Dresden: Prozess gegen Jugendpfarrer König ausgesetzt

Nach sieben Verhandlungstagen hat das Dresdener Amtsgericht den Prozess gegen Lothar König auf unbestimmte Zeit ausgesetzt. Die Staatsanwaltschaft wirft dem aus Jena stammenden Jugendpfarrer schweren Landfriedensbruch, versuchte Strafvereitlung und Widerstand gegen Vollstreckungsbeamte vor. Er soll 2011 bei den jährlich am 19. Februar stattfindenden Anti-Nazi-Protesten in Dresden Demonstranten zu Gewalt gegen die Polizei angestachelt zu haben.

Die Aussetzung des Verfahrens erfolgte auf Antrag der Verteidigung. Sie wirft der Polizei vor, eine „Fälscherwerkstatt“ betrieben und Beweismittel unterdrückt zu haben.

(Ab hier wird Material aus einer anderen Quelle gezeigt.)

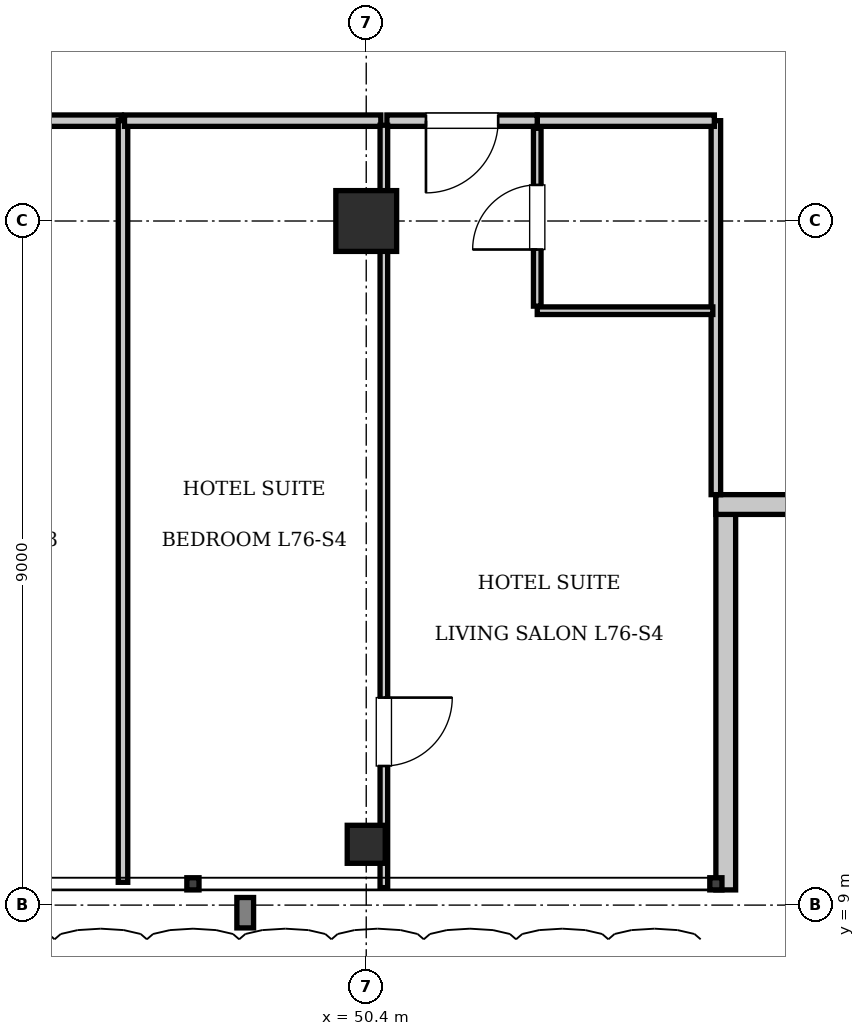
"""IFC4 building model, lengths in metres.
Left out: names, types, materials, properties, quantities, classifications, styles, units other than length and angle.
Written with IfcOpenShell. Run it as: python <this file> out.ifc"""

import sys

from ifc_helpers import new_model, si_unit, direction, frame, frame_2d, origin, origin_2d, place, context, subcontext, project, spatial, rectangle, i_section, extrude, element, fill, save


model = new_model("IFC4")
c1 = context("Model", 3, precision=1e-05, world=origin(), true_north=direction((0.0, 1.0)))
c2 = subcontext(c1, "Body", "Model", "MODEL_VIEW")
j1 = project(units=[si_unit("LENGTHUNIT", "METRE"), si_unit("PLANEANGLEUNIT", "RADIAN")], contexts=[c1])
p1 = place(None, origin())
s1 = spatial("IfcSite", under=j1, at=p1, CompositionType="ELEMENT")
p2 = place(p1, origin())
s2 = spatial("IfcBuilding", under=s1, at=p2, CompositionType="ELEMENT")
p3 = place(p2, frame((0.0, 0.0, 308.7)))
s3 = spatial("IfcBuildingStorey", under=s2, at=p3, CompositionType="ELEMENT", Elevation=308.7)
p4 = place(p3, frame((50.4, 18.0, 0.0), z_axis=(0.0, 0.0, 1.0), x_axis=(1.0, 0.0, 0.0)))
e1 = element("IfcColumn", 1, at=p4, inside=s3, PredefinedType="COLUMN", context=c2, shape_type="SweptSolid", body=[
    extrude(rectangle(XDim=0.8, YDim=0.8, at=origin_2d()), origin(), (0.0, 0.0, 1.0), 3.85),
])
p5 = place(p3, frame((50.4, 9.8, 0.0), z_axis=(0.0, 0.0, 1.0), x_axis=(1.0, 0.0, 0.0)))
e2 = element("IfcColumn", 2, at=p5, inside=s3, PredefinedType="COLUMN", context=c2, shape_type="SweptSolid", body=[
    extrude(i_section(OverallWidth=0.5, OverallDepth=0.5, WebThickness=0.022, FlangeThickness=0.032, at=origin_2d()), origin(), (0.0, 0.0, 1.0), 3.85),
])
p6 = place(p3, frame((55.13, 14.4, 0.0), z_axis=(0.0, 0.0, 1.0), x_axis=(0.0, -1.0, 0.0)))
e3 = element("IfcWall", 3, at=p6, inside=s3, PredefinedType="SOLIDWALL", context=c2, shape_type="SweptSolid", body=[
    extrude(rectangle(XDim=5.2, YDim=0.26, at=frame_2d((2.6, 0.0))), origin(), (0.0, 0.0, 1.0), 3.61),
])
p7 = place(p3, frame((60.2, 14.27, 0.0), z_axis=(0.0, 0.0, 1.0), x_axis=(-1.0, 0.0, 0.0)))
e4 = element("IfcWall", 4, at=p7, inside=s3, PredefinedType="SOLIDWALL", context=c2, shape_type="SweptSolid", body=[
    extrude(rectangle(XDim=5.2, YDim=0.26, at=frame_2d((2.6, 0.0))), origin(), (0.0, 0.0, 1.0), 3.61),
])
p8 = place(p7, frame((1.6, 0.0, 0.9)))
e5 = element("IfcOpeningElement", 5, at=p8, cuts=e4, PredefinedType="OPENING", context=c2, shape_type="SweptSolid", body=[
    extrude(rectangle(XDim=2.0, YDim=2.2, at=frame_2d((1.0, 1.1))), frame((0.0, 0.14, 0.0), z_axis=(0.0, -1.0, 0.0), x_axis=(1.0, 0.0, 0.0)), (0.0, 0.0, 1.0), 0.28),
])
p9 = place(p3, frame((55.0, 14.4, 0.0), z_axis=(0.0, 0.0, 1.0), x_axis=(0.0, 1.0, 0.0)))
e6 = element("IfcWall", 6, at=p9, inside=s3, PredefinedType="PARTITIONING", context=c2, shape_type="SweptSolid", body=[
    extrude(rectangle(XDim=4.92, YDim=0.125, at=frame_2d((2.46, 0.0))), origin(), (0.0, 0.0, 1.0), 3.61),
])
p10 = place(p3, frame((43.104, 19.32, 0.0), z_axis=(0.0, 0.0, 1.0), x_axis=(1.0, 0.0, 0.0)))
e7 = element("IfcWall", 7, at=p10, inside=s3, PredefinedType="PARTITIONING", context=c2, shape_type="SweptSolid", body=[
    extrude(rectangle(XDim=4.076, YDim=0.15, at=frame_2d((2.038, 0.0))), origin(), (0.0, 0.0, 1.0), 3.61),
])
p11 = place(p3, frame((47.2, 9.3, 0.0), z_axis=(0.0, 0.0, 1.0), x_axis=(0.0, 1.0, 0.0)))
e8 = element("IfcWall", 8, at=p11, inside=s3, PredefinedType="PARTITIONING", context=c2, shape_type="SweptSolid", body=[
    extrude(rectangle(XDim=10.02, YDim=0.125, at=frame_2d((5.01, 0.0))), origin(), (0.0, 0.0, 1.0), 3.61),
])
p12 = place(p3, frame((52.65, 19.32, 0.0), z_axis=(0.0, 0.0, 1.0), x_axis=(1.0, 0.0, 0.0)))
e9 = element("IfcWall", 9, at=p12, inside=s3, PredefinedType="PARTITIONING", context=c2, shape_type="SweptSolid", body=[
    extrude(rectangle(XDim=2.33, YDim=0.15, at=frame_2d((1.165, 0.0))), origin(), (0.0, 0.0, 1.0), 3.61),
])
p13 = place(p3, frame((52.65, 16.82, 0.0), z_axis=(0.0, 0.0, 1.0), x_axis=(1.0, 0.0, 0.0)))
e10 = element("IfcWall", 10, at=p13, inside=s3, PredefinedType="PARTITIONING", context=c2, shape_type="SweptSolid", body=[
    extrude(rectangle(XDim=2.31, YDim=0.1, at=frame_2d((1.155, 0.0))), origin(), (0.0, 0.0, 1.0), 3.61),
])
p14 = place(p3, frame((52.65, 16.88, 0.0), z_axis=(0.0, 0.0, 1.0), x_axis=(0.0, 1.0, 0.0)))
e11 = element("IfcWall", 11, at=p14, inside=s3, PredefinedType="PARTITIONING", context=c2, shape_type="SweptSolid", body=[
    extrude(rectangle(XDim=2.34, YDim=0.1, at=frame_2d((1.17, 0.0))), origin(), (0.0, 0.0, 1.0), 3.61),
])
p15 = place(p14, frame((0.745, 0.0, 0.0)))
e12 = element("IfcOpeningElement", 12, at=p15, cuts=e11, PredefinedType="OPENING", context=c2, shape_type="SweptSolid", body=[
    extrude(rectangle(XDim=0.85, YDim=2.1, at=frame_2d((0.425, 1.05))), frame((0.0, 0.06, 0.0), z_axis=(0.0, -1.0, 0.0), x_axis=(1.0, 0.0, 0.0)), (0.0, 0.0, 1.0), 0.12),
])
p16 = place(p3, frame((47.22, 19.32, 0.0), z_axis=(0.0, 0.0, 1.0), x_axis=(1.0, 0.0, 0.0)))
e13 = element("IfcWall", 13, at=p16, inside=s3, PredefinedType="PARTITIONING", context=c2, shape_type="SweptSolid", body=[
    extrude(rectangle(XDim=3.372, YDim=0.15, at=frame_2d((1.686, 0.0))), origin(), (0.0, 0.0, 1.0), 3.61),
])
p17 = place(p3, frame((50.672, 19.32, 0.0), z_axis=(0.0, 0.0, 1.0), x_axis=(1.0, 0.0, 0.0)))
e14 = element("IfcWall", 14, at=p17, inside=s3, PredefinedType="PARTITIONING", context=c2, shape_type="SweptSolid", body=[
    extrude(rectangle(XDim=1.978, YDim=0.15, at=frame_2d((0.989, 0.0))), origin(), (0.0, 0.0, 1.0), 3.61),
])
p18 = place(p17, frame((0.514, 0.0, 0.0)))
e15 = element("IfcOpeningElement", 15, at=p18, cuts=e14, PredefinedType="OPENING", context=c2, shape_type="SweptSolid", body=[
    extrude(rectangle(XDim=0.95, YDim=2.15, at=frame_2d((0.475, 1.075))), frame((0.0, 0.085, 0.0), z_axis=(0.0, -1.0, 0.0), x_axis=(1.0, 0.0, 0.0)), (0.0, 0.0, 1.0), 0.17),
])
p19 = place(p3, frame((50.632, 9.23, 0.0), z_axis=(0.0, 0.0, 1.0), x_axis=(0.0, 1.0, 0.0)))
e16 = element("IfcWall", 16, at=p19, inside=s3, PredefinedType="PARTITIONING", context=c2, shape_type="SweptSolid", body=[
    extrude(rectangle(XDim=10.03, YDim=0.1, at=frame_2d((5.015, 0.0))), origin(), (0.0, 0.0, 1.0), 3.61),
])
p20 = place(p19, frame((1.6, 0.0, 0.0)))
e17 = element("IfcOpeningElement", 17, at=p20, cuts=e16, PredefinedType="OPENING", context=c2, shape_type="SweptSolid", body=[
    extrude(rectangle(XDim=0.9, YDim=2.1, at=frame_2d((0.45, 1.05))), frame((0.0, 0.06, 0.0), z_axis=(0.0, -1.0, 0.0), x_axis=(1.0, 0.0, 0.0)), (0.0, 0.0, 1.0), 0.12),
])
p21 = place(p15, origin())
e18 = element("IfcDoor", 18, at=p21, inside=s3, OperationType="SINGLE_SWING_LEFT", PredefinedType="DOOR", context=c2, shape_type="SweptSolid", body=[
    extrude(rectangle(XDim=0.85, YDim=2.1, at=frame_2d((0.425, 1.05))), frame((0.0, 0.025, 0.0), z_axis=(0.0, -1.0, 0.0), x_axis=(1.0, 0.0, 0.0)), (0.0, 0.0, 1.0), 0.05),
])
fill(e12, e18)
p22 = place(p18, frame((0.95, 0.0, 0.0), z_axis=(0.0, 0.0, 1.0), x_axis=(-1.0, 0.0, 0.0)))
e19 = element("IfcDoor", 19, at=p22, inside=s3, OperationType="SINGLE_SWING_RIGHT", PredefinedType="DOOR", context=c2, shape_type="SweptSolid", body=[
    extrude(rectangle(XDim=0.95, YDim=2.15, at=frame_2d((0.475, 1.075))), frame((0.0, 0.025, 0.0), z_axis=(0.0, -1.0, 0.0), x_axis=(1.0, 0.0, 0.0)), (0.0, 0.0, 1.0), 0.05),
])
fill(e15, e19)
p23 = place(p20, frame((0.9, 0.0, 0.0), z_axis=(0.0, 0.0, 1.0), x_axis=(-1.0, 0.0, 0.0)))
e20 = element("IfcDoor", 20, at=p23, inside=s3, OperationType="SINGLE_SWING_LEFT", PredefinedType="DOOR", context=c2, shape_type="SweptSolid", body=[
    extrude(rectangle(XDim=0.9, YDim=2.1, at=frame_2d((0.45, 1.05))), frame((0.0, 0.025, 0.0), z_axis=(0.0, -1.0, 0.0), x_axis=(1.0, 0.0, 0.0)), (0.0, 0.0, 1.0), 0.05),
])
fill(e17, e20)
save(model, sys.argv[1])

Ein vorgeladener Polizeibeamter hatte beiläufig zugegeben, dass die Polizei über 200 Stunden Videomaterial von der Demonstration besitzt und daraus gezielt strafrelevante Szenen herausgefiltert hat. Der offiziellen Prozessakte legte sie dann nur einen Ausschnitt von zwei Stunden bei.

Als die Verteidigung begann, das vorenthaltene Material zu sichten, fand sie bereits nach zwei Stunden Aufzeichnungen, die König entlasten. Nun will sie das gesamte Material selbst anschauen, da auf die Polizei „kein Verlass“ sei. Aufgrund des Umfangs der vorenthaltenen Aufzeichnungen ist dies parallel zur Verhandlung nicht zu leisten. Deshalb stimmte das Gericht der Aussetzung des Verfahrens zu.

Die 200 Stunden zurückgehaltenes Videomaterial sind nur die Spitze eines Eisbergs. Im Prozess gegen König kam es immer wieder zu Falschaussagen und Beweismittelfälschung. Der bisherige Prozessverlauf und seine Vorgeschichte zeigen, dass es sich dabei nicht einfach um Übereifer oder Schlamperei eines sonst ordentlich funktionierenden Rechtsstaats handelt, sondern um eine Art Schauprozess. Zumindest Teilen der sächsischen Behörden geht es darum, jeden Widerstand gegen die jährlichen Neo-Nazi-Märsche in Dresden zu kriminalisieren.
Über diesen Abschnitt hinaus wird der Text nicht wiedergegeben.